In effect, Russia today lives under a state of emergency. There exists a regime of political terror. Any practical resistance to the authorities is paralysed. However, experience shows that this cannot continue forever. Any closed system ultimately contains within itself the reason for its collapse. Putin’s regime will be no exception. And even if right now it’s difficult to influence the longevity of this regime, it’s entirely possible to affect the pace of the post-regime recovery. This will largely depend upon the speed of reaction by the elites as to what is happening; on how much preparation is done to rethink Russian history; on there being a clear and achievable goal from those seeking change; and, even more importantly, on there being a detailed road-map for change.

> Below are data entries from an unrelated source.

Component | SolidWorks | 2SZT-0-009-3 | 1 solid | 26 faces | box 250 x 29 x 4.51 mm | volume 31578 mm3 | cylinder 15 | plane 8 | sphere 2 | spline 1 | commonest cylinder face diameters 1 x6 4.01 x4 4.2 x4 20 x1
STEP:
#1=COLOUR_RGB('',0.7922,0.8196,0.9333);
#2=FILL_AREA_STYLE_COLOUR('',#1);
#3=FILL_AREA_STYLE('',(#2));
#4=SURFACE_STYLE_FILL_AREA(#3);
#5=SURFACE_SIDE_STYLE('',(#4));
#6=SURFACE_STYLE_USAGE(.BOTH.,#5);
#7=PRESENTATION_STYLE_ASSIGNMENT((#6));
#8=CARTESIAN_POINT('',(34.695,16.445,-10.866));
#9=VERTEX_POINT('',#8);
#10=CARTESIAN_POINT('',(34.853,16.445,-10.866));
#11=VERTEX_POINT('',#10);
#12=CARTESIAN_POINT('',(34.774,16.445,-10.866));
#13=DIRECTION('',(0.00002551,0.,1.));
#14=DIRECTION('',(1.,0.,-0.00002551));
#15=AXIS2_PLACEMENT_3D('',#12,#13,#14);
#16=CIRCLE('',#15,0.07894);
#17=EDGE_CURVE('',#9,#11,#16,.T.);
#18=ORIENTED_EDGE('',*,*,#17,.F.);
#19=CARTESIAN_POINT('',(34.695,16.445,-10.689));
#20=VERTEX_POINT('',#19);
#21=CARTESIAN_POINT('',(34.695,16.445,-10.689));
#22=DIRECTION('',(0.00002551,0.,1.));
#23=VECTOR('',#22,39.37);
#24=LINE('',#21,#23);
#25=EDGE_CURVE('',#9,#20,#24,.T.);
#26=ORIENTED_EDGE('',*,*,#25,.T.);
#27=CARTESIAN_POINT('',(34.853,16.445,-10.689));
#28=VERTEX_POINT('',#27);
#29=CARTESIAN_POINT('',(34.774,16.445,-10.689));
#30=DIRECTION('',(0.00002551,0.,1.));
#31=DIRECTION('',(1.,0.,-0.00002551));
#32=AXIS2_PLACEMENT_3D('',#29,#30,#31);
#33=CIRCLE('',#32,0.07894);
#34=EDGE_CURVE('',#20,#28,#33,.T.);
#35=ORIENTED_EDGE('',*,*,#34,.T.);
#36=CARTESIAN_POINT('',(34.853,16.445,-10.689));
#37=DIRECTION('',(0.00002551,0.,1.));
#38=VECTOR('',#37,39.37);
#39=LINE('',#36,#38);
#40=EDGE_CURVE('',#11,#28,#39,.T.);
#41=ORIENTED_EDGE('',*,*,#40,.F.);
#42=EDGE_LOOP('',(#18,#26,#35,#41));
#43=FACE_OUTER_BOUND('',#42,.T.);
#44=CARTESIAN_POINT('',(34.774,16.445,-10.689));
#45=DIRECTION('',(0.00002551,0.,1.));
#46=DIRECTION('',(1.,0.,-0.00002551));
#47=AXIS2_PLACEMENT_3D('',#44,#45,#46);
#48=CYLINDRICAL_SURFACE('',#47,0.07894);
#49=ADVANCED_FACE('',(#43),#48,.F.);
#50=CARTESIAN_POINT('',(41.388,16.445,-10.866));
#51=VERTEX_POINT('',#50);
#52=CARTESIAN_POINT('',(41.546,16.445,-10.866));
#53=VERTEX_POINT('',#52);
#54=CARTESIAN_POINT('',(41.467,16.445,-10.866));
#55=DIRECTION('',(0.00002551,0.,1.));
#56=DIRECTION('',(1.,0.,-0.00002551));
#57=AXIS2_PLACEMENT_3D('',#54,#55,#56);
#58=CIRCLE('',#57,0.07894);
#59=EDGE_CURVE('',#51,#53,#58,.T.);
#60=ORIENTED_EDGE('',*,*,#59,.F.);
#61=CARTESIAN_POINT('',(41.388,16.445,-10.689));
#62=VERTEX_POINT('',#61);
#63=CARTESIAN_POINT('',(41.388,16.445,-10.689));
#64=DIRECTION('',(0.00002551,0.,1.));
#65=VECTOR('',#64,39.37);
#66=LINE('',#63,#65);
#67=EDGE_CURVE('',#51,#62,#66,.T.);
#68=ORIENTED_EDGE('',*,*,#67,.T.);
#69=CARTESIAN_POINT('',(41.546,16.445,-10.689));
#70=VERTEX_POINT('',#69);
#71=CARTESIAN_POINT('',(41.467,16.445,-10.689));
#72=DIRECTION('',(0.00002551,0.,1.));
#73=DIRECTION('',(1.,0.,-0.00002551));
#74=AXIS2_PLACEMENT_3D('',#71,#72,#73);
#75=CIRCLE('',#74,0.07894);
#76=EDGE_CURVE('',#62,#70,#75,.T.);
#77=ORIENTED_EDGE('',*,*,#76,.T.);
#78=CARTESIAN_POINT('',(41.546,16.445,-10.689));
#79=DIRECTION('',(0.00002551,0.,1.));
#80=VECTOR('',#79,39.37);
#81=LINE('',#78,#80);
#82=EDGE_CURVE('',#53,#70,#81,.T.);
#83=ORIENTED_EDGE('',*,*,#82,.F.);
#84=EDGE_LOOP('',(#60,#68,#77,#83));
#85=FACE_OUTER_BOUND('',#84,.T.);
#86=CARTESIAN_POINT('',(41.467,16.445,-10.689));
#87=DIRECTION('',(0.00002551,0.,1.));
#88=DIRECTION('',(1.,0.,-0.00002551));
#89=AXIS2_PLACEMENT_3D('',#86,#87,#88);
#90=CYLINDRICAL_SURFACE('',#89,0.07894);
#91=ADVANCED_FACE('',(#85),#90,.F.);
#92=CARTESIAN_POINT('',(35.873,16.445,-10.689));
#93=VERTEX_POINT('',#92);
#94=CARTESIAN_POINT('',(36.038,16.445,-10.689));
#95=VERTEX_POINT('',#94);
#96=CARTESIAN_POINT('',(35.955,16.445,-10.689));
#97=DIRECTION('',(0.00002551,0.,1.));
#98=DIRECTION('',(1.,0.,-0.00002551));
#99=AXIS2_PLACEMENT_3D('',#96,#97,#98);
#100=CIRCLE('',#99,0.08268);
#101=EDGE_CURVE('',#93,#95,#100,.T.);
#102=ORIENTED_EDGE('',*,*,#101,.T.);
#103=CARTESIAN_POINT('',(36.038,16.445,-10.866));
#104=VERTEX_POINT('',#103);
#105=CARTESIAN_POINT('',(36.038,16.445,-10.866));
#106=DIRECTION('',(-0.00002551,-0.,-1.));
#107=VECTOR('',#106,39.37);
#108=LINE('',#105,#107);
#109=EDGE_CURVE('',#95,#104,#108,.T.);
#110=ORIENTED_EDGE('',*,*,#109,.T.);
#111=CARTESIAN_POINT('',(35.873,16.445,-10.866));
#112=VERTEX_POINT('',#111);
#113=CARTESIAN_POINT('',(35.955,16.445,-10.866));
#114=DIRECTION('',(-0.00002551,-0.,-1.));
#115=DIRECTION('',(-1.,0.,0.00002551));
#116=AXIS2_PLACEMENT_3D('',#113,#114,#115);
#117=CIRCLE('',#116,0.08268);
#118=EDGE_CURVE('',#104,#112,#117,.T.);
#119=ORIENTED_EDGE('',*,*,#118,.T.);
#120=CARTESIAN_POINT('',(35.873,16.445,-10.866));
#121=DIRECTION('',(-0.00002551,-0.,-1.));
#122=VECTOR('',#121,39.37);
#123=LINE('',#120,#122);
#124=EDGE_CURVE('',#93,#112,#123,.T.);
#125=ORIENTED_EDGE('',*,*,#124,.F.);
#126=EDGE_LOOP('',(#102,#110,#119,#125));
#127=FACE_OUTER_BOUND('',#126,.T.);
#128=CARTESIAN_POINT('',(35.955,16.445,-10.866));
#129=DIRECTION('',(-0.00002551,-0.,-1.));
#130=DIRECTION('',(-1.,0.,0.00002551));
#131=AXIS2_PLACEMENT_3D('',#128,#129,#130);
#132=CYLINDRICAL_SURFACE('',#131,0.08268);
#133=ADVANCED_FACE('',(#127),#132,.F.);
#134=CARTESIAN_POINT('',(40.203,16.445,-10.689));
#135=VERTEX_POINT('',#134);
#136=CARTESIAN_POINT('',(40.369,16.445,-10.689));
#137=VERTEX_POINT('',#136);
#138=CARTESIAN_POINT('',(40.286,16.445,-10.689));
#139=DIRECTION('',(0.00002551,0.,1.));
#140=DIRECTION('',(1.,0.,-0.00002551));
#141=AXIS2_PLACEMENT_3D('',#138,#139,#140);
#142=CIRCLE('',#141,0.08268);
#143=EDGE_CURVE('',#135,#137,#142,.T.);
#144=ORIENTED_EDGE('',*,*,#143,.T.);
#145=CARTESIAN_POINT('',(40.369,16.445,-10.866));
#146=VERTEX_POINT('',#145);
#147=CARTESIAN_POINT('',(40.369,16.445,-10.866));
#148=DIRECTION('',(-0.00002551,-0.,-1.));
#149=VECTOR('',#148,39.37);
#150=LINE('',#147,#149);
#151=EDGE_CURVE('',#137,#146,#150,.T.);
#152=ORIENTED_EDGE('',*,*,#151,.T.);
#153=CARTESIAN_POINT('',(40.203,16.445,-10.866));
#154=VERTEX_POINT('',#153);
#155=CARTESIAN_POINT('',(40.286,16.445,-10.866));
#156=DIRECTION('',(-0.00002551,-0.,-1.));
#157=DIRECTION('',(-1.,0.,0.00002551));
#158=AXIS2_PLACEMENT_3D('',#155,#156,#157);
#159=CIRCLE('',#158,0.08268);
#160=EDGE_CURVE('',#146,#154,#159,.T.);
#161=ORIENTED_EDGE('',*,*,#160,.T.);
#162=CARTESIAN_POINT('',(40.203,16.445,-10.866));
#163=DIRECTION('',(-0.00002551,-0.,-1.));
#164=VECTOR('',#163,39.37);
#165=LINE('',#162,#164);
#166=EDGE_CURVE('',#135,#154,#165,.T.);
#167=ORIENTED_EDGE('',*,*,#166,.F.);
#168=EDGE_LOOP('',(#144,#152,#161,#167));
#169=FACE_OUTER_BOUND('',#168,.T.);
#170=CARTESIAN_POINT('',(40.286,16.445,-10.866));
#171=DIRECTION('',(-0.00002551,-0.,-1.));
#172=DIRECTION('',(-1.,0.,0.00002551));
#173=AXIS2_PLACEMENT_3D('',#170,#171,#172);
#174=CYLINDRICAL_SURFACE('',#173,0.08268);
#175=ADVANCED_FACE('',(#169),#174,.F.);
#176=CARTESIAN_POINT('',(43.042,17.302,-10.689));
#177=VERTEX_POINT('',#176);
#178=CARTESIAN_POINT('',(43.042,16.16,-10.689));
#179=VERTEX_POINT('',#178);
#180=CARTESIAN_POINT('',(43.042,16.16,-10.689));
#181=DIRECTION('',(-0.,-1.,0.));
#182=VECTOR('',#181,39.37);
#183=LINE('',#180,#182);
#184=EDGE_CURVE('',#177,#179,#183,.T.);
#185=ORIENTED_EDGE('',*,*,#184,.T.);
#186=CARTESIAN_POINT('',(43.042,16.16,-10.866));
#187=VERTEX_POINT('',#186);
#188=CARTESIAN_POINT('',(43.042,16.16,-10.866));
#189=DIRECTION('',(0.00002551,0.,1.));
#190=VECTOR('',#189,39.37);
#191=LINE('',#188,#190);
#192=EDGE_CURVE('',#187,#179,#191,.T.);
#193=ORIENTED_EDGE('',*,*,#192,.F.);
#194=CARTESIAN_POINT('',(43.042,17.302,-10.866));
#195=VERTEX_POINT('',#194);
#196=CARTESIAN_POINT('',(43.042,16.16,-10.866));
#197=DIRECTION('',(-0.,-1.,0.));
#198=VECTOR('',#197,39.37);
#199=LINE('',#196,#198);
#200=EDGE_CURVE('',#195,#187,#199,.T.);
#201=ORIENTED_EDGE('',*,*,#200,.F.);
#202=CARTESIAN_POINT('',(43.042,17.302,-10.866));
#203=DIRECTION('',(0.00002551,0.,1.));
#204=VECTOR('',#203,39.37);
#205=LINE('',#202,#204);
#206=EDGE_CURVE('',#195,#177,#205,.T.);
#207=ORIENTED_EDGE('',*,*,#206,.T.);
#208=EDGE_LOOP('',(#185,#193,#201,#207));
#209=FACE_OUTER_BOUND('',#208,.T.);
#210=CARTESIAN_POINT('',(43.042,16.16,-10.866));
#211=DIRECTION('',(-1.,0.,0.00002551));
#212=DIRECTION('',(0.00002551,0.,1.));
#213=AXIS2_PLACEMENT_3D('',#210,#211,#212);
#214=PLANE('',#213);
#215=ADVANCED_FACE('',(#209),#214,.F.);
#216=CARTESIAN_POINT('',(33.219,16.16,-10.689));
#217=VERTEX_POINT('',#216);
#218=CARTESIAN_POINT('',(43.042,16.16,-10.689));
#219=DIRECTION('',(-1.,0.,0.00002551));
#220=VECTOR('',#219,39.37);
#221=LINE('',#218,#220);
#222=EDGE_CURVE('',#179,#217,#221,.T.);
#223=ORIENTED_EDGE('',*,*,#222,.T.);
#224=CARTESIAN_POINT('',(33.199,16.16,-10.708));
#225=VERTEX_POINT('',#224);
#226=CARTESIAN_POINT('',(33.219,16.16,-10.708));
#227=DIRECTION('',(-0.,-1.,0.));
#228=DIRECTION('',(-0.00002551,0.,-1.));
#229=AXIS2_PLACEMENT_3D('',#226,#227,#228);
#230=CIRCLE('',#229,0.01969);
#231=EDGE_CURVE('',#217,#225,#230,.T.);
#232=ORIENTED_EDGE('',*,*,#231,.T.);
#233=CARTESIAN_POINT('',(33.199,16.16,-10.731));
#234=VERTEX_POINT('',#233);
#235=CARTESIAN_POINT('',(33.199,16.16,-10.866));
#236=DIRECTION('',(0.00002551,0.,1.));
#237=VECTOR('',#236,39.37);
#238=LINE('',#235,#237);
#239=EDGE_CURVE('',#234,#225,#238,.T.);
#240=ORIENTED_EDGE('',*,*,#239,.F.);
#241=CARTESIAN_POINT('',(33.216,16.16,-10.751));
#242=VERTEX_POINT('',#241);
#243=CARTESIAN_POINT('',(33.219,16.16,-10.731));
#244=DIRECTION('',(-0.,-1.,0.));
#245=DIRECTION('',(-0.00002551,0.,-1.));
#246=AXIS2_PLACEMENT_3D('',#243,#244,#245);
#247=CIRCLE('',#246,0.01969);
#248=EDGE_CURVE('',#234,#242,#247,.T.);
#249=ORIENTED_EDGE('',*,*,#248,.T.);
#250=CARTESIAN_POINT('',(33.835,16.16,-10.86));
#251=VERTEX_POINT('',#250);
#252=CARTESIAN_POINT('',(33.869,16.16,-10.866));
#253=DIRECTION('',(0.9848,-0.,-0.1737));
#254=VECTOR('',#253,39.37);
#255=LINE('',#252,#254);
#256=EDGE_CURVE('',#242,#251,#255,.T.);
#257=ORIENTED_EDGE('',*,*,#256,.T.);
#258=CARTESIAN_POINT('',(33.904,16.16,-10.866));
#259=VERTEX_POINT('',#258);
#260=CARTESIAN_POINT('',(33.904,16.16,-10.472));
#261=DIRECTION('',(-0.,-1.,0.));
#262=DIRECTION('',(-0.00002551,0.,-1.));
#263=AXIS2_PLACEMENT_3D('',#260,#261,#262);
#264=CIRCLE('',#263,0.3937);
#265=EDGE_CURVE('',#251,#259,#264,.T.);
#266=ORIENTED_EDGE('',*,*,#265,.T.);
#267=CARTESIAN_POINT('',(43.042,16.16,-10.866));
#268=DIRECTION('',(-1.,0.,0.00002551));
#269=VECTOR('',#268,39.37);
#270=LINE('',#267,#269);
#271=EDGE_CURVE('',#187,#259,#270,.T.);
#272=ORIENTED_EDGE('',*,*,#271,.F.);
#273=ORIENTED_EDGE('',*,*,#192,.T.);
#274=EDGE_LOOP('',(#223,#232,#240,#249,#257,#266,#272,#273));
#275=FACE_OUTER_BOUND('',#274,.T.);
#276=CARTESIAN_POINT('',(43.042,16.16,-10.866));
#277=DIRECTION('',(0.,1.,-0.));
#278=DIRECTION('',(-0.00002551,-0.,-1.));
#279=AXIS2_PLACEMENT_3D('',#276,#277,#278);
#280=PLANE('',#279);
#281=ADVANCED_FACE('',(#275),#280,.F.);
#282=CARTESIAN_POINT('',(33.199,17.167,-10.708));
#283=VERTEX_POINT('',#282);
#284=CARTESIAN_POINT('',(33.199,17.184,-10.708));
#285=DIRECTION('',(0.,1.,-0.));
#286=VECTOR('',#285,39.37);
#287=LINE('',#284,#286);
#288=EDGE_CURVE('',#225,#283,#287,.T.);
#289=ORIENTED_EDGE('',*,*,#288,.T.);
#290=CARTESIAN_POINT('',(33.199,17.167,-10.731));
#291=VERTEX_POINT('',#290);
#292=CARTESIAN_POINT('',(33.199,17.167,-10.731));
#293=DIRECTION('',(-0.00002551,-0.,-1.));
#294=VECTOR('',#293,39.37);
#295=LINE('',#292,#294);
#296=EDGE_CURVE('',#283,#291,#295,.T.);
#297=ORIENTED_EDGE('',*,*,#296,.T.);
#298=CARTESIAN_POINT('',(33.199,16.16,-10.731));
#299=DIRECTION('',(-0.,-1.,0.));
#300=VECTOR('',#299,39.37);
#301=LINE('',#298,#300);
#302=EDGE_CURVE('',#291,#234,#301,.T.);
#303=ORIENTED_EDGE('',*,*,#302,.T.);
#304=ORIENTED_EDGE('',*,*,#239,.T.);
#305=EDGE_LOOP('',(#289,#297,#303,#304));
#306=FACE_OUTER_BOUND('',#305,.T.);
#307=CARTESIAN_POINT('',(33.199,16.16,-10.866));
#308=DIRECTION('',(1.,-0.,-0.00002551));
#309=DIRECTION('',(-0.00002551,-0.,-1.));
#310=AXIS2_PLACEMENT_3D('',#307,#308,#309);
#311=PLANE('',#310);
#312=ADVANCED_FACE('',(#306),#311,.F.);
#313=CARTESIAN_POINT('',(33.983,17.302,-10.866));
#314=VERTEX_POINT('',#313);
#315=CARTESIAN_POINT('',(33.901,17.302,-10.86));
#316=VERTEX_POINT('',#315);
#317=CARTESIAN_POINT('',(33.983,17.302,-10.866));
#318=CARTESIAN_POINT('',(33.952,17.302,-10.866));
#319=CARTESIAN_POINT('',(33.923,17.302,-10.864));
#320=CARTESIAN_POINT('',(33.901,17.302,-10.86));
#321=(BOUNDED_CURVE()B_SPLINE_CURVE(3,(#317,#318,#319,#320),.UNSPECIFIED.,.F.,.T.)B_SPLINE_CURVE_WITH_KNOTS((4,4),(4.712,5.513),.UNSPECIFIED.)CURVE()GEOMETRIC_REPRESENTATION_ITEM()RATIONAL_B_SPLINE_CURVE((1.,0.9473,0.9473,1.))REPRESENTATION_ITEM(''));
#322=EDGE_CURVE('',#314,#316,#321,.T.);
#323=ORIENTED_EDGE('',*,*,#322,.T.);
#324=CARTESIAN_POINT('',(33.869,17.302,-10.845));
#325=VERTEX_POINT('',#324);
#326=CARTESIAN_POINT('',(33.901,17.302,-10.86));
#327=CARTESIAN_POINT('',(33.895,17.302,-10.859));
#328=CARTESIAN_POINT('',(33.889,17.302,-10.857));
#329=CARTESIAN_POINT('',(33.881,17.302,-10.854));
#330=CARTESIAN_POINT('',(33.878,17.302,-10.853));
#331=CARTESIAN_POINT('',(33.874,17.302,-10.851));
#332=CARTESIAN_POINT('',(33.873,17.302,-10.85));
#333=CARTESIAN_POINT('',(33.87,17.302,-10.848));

The normalisation process after the fall of the regime will be made much simpler and swifter if a provisional consensus can be reached by society on all these points. The lack of such a consensus and especially the lack of an actual plan around which consensus can be reached will have a seriously adverse effect on society’s chances of repairing itself. Indeed, it may even make this impossible. Circumstances may well dictate that for a period of time – and this could be long drawn-out – spiritual and intellectual opposition may prove to be virtually the only form of resistance possible for the majority of those citizens who are opposed to the regime. But “otherworldliness” and the fact that this appears to be something abstract doesn’t lessen its historic significance. On the contrary, this is exactly where the frontline of the battle for the future of Russia lies today. Every action begins with a word; and it’s vital that this word is the right one and that it hits the target.

In today’s Russia there’s no place for politics and no motives for engaging in politics. But there will be in the future Russia. And it’s the thought of a Russia that confines Putinism to the past that inspires me to take up political activity. That future looks complicated. Putin will leave Russia with a difficult legacy that will mean future progress will not be easy. The path will be sown with the kind of historical traps that Russia has already fallen into on a number of occasions, and it’s ended up being stuck in them for decades.

I am convinced that the re-formation of Russia into a parliamentary and genuinely federal republic with strong local self-rule is the fulcrum that can provide the starting point from where we can cast off the curse of autocracy forever. At the same time I’m aware that reaching this starting point can be done in Russia only if we take the “left route”. My political goal today is to create a wide consensus in society both for the goal itself and for the methods by which it will be reached.

PART I. HOW DO YOU GET RID OF THE OLD DRAGON?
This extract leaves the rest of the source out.